Okay, so another Ludum Dare went by, and all we have left is a small, dense game in which we’ve poured all of our willpower.

The Longest Way Down is UP! Yay for the oximoron!

the longest way down

It’s time to go back in time and analyze the ups and downs and hopefully learn something useful.

This was the first time that I actually submitted the game before the deadline instead of struggling with last minute problems during the submit hour. It  either means that I’m starting to get the hang of how it works, or that I just don’t care anymore and whatever.

Let’s have an in detail look, shall we?


THE GOOD

Focus

This one was big. Of all the four Ludum Dares I’ve been in, this was the first one where I picked an idea and sticked with it until the end. In the other compos I used to pick an idea, waste half a day on it, understand that I could not do it in time and start again from scratch with a brand new idea. This was inefficient to say the least.

I managed this time to ignore the costant nag of myself thinking about other ideas. “Hmmm, this isn’t going anywhere.

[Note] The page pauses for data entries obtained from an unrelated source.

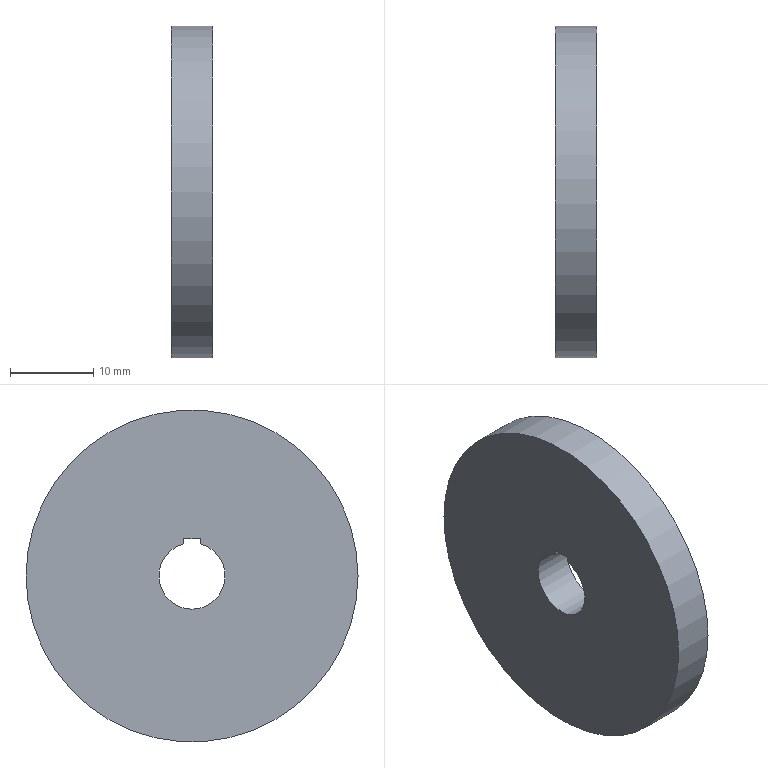Component | NX | SHE_JI-6 | 1 solid | 7 faces | box 5 x 40 x 40 mm | volume 6026 mm3 | plane 5 | cylinder 2 | commonest cylinder face diameters 40 x1 8 x1
STEP:
#1=CARTESIAN_POINT('',(0.,0.,0.));
#2=DIRECTION('',(0.,0.,1.));
#3=DIRECTION('',(1.,0.,0.));
#4=AXIS2_PLACEMENT_3D('',#1,#2,#3);
#5=CARTESIAN_POINT('',(-21.06,-1.,40.5));
#6=VERTEX_POINT('',#5);
#7=CARTESIAN_POINT('',(-21.06,-1.,39.873));
#8=VERTEX_POINT('',#7);
#9=CARTESIAN_POINT('',(-21.06,-1.,36.));
#10=DIRECTION('',(0.,-0.,-1.));
#11=VECTOR('',#10,1.);
#12=LINE('',#9,#11);
#13=CARTESIAN_POINT('',(-21.06,-0.,36.));
#14=DIRECTION('',(1.,0.,0.));
#15=DIRECTION('',(0.,1.,0.));
#16=AXIS2_PLACEMENT_3D('',#13,#14,#15);
#17=PLANE('',#16);
#18=CARTESIAN_POINT('',(-1.,0.));
#19=DIRECTION('',(-0.,-1.));
#20=VECTOR('',#19,1.);
#21=LINE('',#18,#20);
#22=(GEOMETRIC_REPRESENTATION_CONTEXT(2)PARAMETRIC_REPRESENTATION_CONTEXT()REPRESENTATION_CONTEXT('',''));
#23=DEFINITIONAL_REPRESENTATION('',(#21),#22);
#24=PCURVE('',#17,#23);
#25=CARTESIAN_POINT('',(-31.06,-1.,40.5));
#26=DIRECTION('',(0.,-1.,0.));
#27=DIRECTION('',(0.,-0.,-1.));
#28=AXIS2_PLACEMENT_3D('',#25,#26,#27);
#29=PLANE('',#28);
#30=CARTESIAN_POINT('',(4.5,10.));
#31=DIRECTION('',(1.,0.));
#32=VECTOR('',#31,1.);
#33=LINE('',#30,#32);
#34=(GEOMETRIC_REPRESENTATION_CONTEXT(2)PARAMETRIC_REPRESENTATION_CONTEXT()REPRESENTATION_CONTEXT('',''));
#35=DEFINITIONAL_REPRESENTATION('',(#33),#34);
#36=PCURVE('',#29,#35);
#37=SURFACE_CURVE('',#12,(#24,#36),.PCURVE_S1.);
#38=EDGE_CURVE('',#6,#8,#37,.T.);
#39=ORIENTED_EDGE('',*,*,#38,.F.);
#40=CARTESIAN_POINT('',(-21.06,1.,40.5));
#41=VERTEX_POINT('',#40);
#42=CARTESIAN_POINT('',(-21.06,-0.,40.5));
#43=DIRECTION('',(0.,-1.,-0.));
#44=VECTOR('',#43,1.);
#45=LINE('',#42,#44);
#46=CARTESIAN_POINT('',(-0.,4.5));
#47=DIRECTION('',(-1.,-0.));
#48=VECTOR('',#47,1.);
#49=LINE('',#46,#48);
#50=(GEOMETRIC_REPRESENTATION_CONTEXT(2)PARAMETRIC_REPRESENTATION_CONTEXT()REPRESENTATION_CONTEXT('',''));
#51=DEFINITIONAL_REPRESENTATION('',(#49),#50);
#52=PCURVE('',#17,#51);
#53=CARTESIAN_POINT('',(-31.06,1.,40.5));
#54=DIRECTION('',(0.,-0.,1.));
#55=DIRECTION('',(0.,-1.,-0.));
#56=AXIS2_PLACEMENT_3D('',#53,#54,#55);
#57=PLANE('',#56);
#58=CARTESIAN_POINT('',(1.,10.));
#59=DIRECTION('',(1.,0.));
#60=VECTOR('',#59,1.);
#61=LINE('',#58,#60);
#62=(GEOMETRIC_REPRESENTATION_CONTEXT(2)PARAMETRIC_REPRESENTATION_CONTEXT()REPRESENTATION_CONTEXT('',''));
#63=DEFINITIONAL_REPRESENTATION('',(#61),#62);
#64=PCURVE('',#57,#63);
#65=SURFACE_CURVE('',#45,(#52,#64),.PCURVE_S1.);
#66=EDGE_CURVE('',#41,#6,#65,.T.);
#67=ORIENTED_EDGE('',*,*,#66,.F.);
#68=CARTESIAN_POINT('',(-21.06,1.,39.873));
#69=VERTEX_POINT('',#68);
#70=CARTESIAN_POINT('',(-21.06,1.,36.));
#71=DIRECTION('',(0.,0.,1.));
#72=VECTOR('',#71,1.);
#73=LINE('',#70,#72);
#74=CARTESIAN_POINT('',(1.,0.));
#75=DIRECTION('',(0.,1.));
#76=VECTOR('',#75,1.);
#77=LINE('',#74,#76);
#78=(GEOMETRIC_REPRESENTATION_CONTEXT(2)PARAMETRIC_REPRESENTATION_CONTEXT()REPRESENTATION_CONTEXT('',''));
#79=DEFINITIONAL_REPRESENTATION('',(#77),#78);
#80=PCURVE('',#17,#79);
#81=CARTESIAN_POINT('',(-31.06,1.,36.7));
#82=DIRECTION('',(0.,1.,0.));
#83=DIRECTION('',(-1.,0.,0.));
#84=AXIS2_PLACEMENT_3D('',#81,#82,#83);
#85=PLANE('',#84);
#86=CARTESIAN_POINT('',(-10.,-0.7));
#87=DIRECTION('',(0.,1.));
#88=VECTOR('',#87,1.);
#89=LINE('',#86,#88);
#90=(GEOMETRIC_REPRESENTATION_CONTEXT(2)PARAMETRIC_REPRESENTATION_CONTEXT()REPRESENTATION_CONTEXT('',''));
#91=DEFINITIONAL_REPRESENTATION('',(#89),#90);
#92=PCURVE('',#85,#91);
#93=SURFACE_CURVE('',#73,(#80,#92),.PCURVE_S1.);
#94=EDGE_CURVE('',#69,#41,#93,.T.);
#95=ORIENTED_EDGE('',*,*,#94,.F.);
#96=CARTESIAN_POINT('',(-21.06,-0.,36.));
#97=DIRECTION('',(-1.,0.,0.));
#98=DIRECTION('',(0.,1.,-0.));
#99=AXIS2_PLACEMENT_3D('',#96,#97,#98);
#100=CIRCLE('',#99,4.);
#101=CARTESIAN_POINT('',(4.,-0.));
#102=CARTESIAN_POINT('',(4.,-6.928));
#103=CARTESIAN_POINT('',(-2.,-3.464));
#104=CARTESIAN_POINT('',(-8.,-0.));
#105=CARTESIAN_POINT('',(-2.,3.464));
#106=CARTESIAN_POINT('',(4.,6.928));
#107=CARTESIAN_POINT('',(4.,-0.));
#108=(BOUNDED_CURVE()B_SPLINE_CURVE(2,(#101,#102,#103,#104,#105,#106,#107),.UNSPECIFIED.,.T.,.F.)B_SPLINE_CURVE_WITH_KNOTS((1,2,2,2,2,1),(-2.094,0.,2.094,4.189,6.283,8.378),.UNSPECIFIED.)CURVE()GEOMETRIC_REPRESENTATION_ITEM()RATIONAL_B_SPLINE_CURVE((1.,0.5,1.,0.5,1.,0.5,1.))REPRESENTATION_ITEM(''));
#109=(GEOMETRIC_REPRESENTATION_CONTEXT(2)PARAMETRIC_REPRESENTATION_CONTEXT()REPRESENTATION_CONTEXT('',''));
#110=DEFINITIONAL_REPRESENTATION('',(#108),#109);
#111=PCURVE('',#17,#110);
#112=CARTESIAN_POINT('',(-21.06,-0.,36.));
#113=DIRECTION('',(-1.,0.,0.));
#114=DIRECTION('',(0.,1.,-0.));
#115=AXIS2_PLACEMENT_3D('',#112,#113,#114);
#116=CYLINDRICAL_SURFACE('',#115,4.);
#117=CARTESIAN_POINT('',(-6.283,0.));
#118=DIRECTION('',(1.,0.));
#119=VECTOR('',#118,1.);
#120=LINE('',#117,#119);
#121=(GEOMETRIC_REPRESENTATION_CONTEXT(2)PARAMETRIC_REPRESENTATION_CONTEXT()REPRESENTATION_CONTEXT('',''));
#122=DEFINITIONAL_REPRESENTATION('',(#120),#121);
#123=PCURVE('',#116,#122);
#124=SURFACE_CURVE('',#100,(#111,#123),.PCURVE_S1.);
#125=EDGE_CURVE('',#69,#8,#124,.T.);
#126=ORIENTED_EDGE('',*,*,#125,.T.);
#127=EDGE_LOOP('',(#39,#67,#95,#126));
#128=FACE_BOUND('',#127,.T.);
#129=CARTESIAN_POINT('',(-21.06,20.,36.));
#130=VERTEX_POINT('',#129);
#131=CARTESIAN_POINT('',(-21.06,-0.,36.));
#132=DIRECTION('',(-1.,0.,0.));
#133=DIRECTION('',(0.,1.,0.));
#134=AXIS2_PLACEMENT_3D('',#131,#132,#133);
#135=CIRCLE('',#134,20.);
#136=CARTESIAN_POINT('',(20.,0.));
#137=CARTESIAN_POINT('',(20.,-34.641));
#138=CARTESIAN_POINT('',(-10.,-17.321));
#139=CARTESIAN_POINT('',(-40.,-0.));
#140=CARTESIAN_POINT('',(-10.,17.321));
#141=CARTESIAN_POINT('',(20.,34.641));
#142=CARTESIAN_POINT('',(20.,0.));
#143=(BOUNDED_CURVE()B_SPLINE_CURVE(2,(#136,#137,#138,#139,#140,#141,#142),.UNSPECIFIED.,.T.,.F.)B_SPLINE_CURVE_WITH_KNOTS((1,2,2,2,2,1),(-2.094,0.,2.094,4.189,6.283,8.378),.UNSPECIFIED.)CURVE()GEOMETRIC_REPRESENTATION_ITEM()RATIONAL_B_SPLINE_CURVE((1.,0.5,1.,0.5,1.,0.5,1.))REPRESENTATION_ITEM(''));
#144=(GEOMETRIC_REPRESENTATION_CONTEXT(2)PARAMETRIC_REPRESENTATION_CONTEXT()REPRESENTATION_CONTEXT('',''));
#145=DEFINITIONAL_REPRESENTATION('',(#143),#144);
#146=PCURVE('',#17,#145);
#147=CARTESIAN_POINT('',(-26.06,-0.,36.));
#148=DIRECTION('',(1.,0.,0.));
#149=DIRECTION('',(0.,1.,0.));
#150=AXIS2_PLACEMENT_3D('',#147,#148,#149);
#151=CYLINDRICAL_SURFACE('',#150,20.);
#152=CARTESIAN_POINT('',(6.283,5.));
#153=DIRECTION('',(-1.,0.));
#154=VECTOR('',#153,1.);
#155=LINE('',#152,#154);
#156=(GEOMETRIC_REPRESENTATION_CONTEXT(2)PARAMETRIC_REPRESENTATION_CONTEXT()REPRESENTATION_CONTEXT('',''));
#157=DEFINITIONAL_REPRESENTATION('',(#155),#156);
#158=PCURVE('',#151,#157);
#159=SURFACE_CURVE('',#135,(#146,#158),.PCURVE_S1.);
#160=EDGE_CURVE('',#130,#130,#159,.T.);
#161=ORIENTED_EDGE('',*,*,#160,.F.);
#162=EDGE_LOOP('',(#161));
#163=FACE_BOUND('',#162,.T.);
#164=ADVANCED_FACE('',(#128,#163),#17,.T.);
#165=CARTESIAN_POINT('',(-26.06,-1.,39.873));
#166=VERTEX_POINT('',#165);
#167=CARTESIAN_POINT('',(-26.06,-1.,40.5));
#168=VERTEX_POINT('',#167);
#169=CARTESIAN_POINT('',(-26.06,-1.,36.));
#170=DIRECTION('',(0.,0.,1.));
#171=VECTOR('',#170,1.);
#172=LINE('',#169,#171);
#173=CARTESIAN_POINT('',(-26.06,-0.,36.));
#174=DIRECTION('',(-1.,0.,0.));
#175=DIRECTION('',(0.,-1.,0.));
#176=AXIS2_PLACEMENT_3D('',#173,#174,#175);
#177=PLANE('',#176);
#178=CARTESIAN_POINT('',(1.,0.));
#179=DIRECTION('',(-0.,1.));
#180=VECTOR('',#179,1.);
#181=LINE('',#178,#180);
#182=(GEOMETRIC_REPRESENTATION_CONTEXT(2)PARAMETRIC_REPRESENTATION_CONTEXT()REPRESENTATION_CONTEXT('',''));
#183=DEFINITIONAL_REPRESENTATION('',(#181),#182);
#184=PCURVE('',#177,#183);
#185=CARTESIAN_POINT('',(4.5,5.));
#186=DIRECTION('',(-1.,0.));
#187=VECTOR('',#186,1.);
#188=LINE('',#185,#187);
#189=(GEOMETRIC_REPRESENTATION_CONTEXT(2)PARAMETRIC_REPRESENTATION_CONTEXT()REPRESENTATION_CONTEXT('',''));
#190=DEFINITIONAL_REPRESENTATION('',(#188),#189);
#191=PCURVE('',#29,#190);
#192=SURFACE_CURVE('',#172,(#184,#191),.PCURVE_S1.);
#193=EDGE_CURVE('',#166,#168,#192,.T.);
#194=ORIENTED_EDGE('',*,*,#193,.F.);
#195=CARTESIAN_POINT('',(-26.06,1.,39.873));
#196=VERTEX_POINT('',#195);
#197=CARTESIAN_POINT('',(-26.06,0.,36.));
#198=DIRECTION('',(-1.,0.,0.));
#199=DIRECTION('',(0.,-1.,0.));
#200=AXIS2_PLACEMENT_3D('',#197,#198,#199);
#201=CIRCLE('',#200,4.);
#202=CARTESIAN_POINT('',(-0.,0.));
#203=DIRECTION('',(1.,0.));
#204=AXIS2_PLACEMENT_2D('',#202,#203);
#205=CIRCLE('',#204,4.);
#206=(GEOMETRIC_REPRESENTATION_CONTEXT(2)PARAMETRIC_REPRESENTATION_CONTEXT()REPRESENTATION_CONTEXT('',''));
#207=DEFINITIONAL_REPRESENTATION('',(#205),#206);
#208=PCURVE('',#177,#207);
#209=CARTESIAN_POINT('',(-3.142,5.));
#210=DIRECTION('',(1.,0.));
#211=VECTOR('',#210,1.);
#212=LINE('',#209,#211);
#213=(GEOMETRIC_REPRESENTATION_CONTEXT(2)PARAMETRIC_REPRESENTATION_CONTEXT()REPRESENTATION_CONTEXT('',''));
#214=DEFINITIONAL_REPRESENTATION('',(#212),#213);
#215=PCURVE('',#116,#214);
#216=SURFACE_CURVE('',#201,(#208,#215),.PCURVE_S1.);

That other idea I had looked interesting, maybe I can try that instead.” Nope, guess what, the other ideas I had were just as time consuming and without an end like all the others. It is the idea of procrastination that is too sexy to resist. Still I managed to keep my instincts under control. End result: there is actually a game done in my LD portfolio! Cool beans. Take that, procrastination!

Keeping it simple

This time around I started playing around with and idea, and managed to keep it snack sized. This was the key that let me finish the game in time. Yes, because adventure games are not as strightfoward as they look, especially without dedicated tools.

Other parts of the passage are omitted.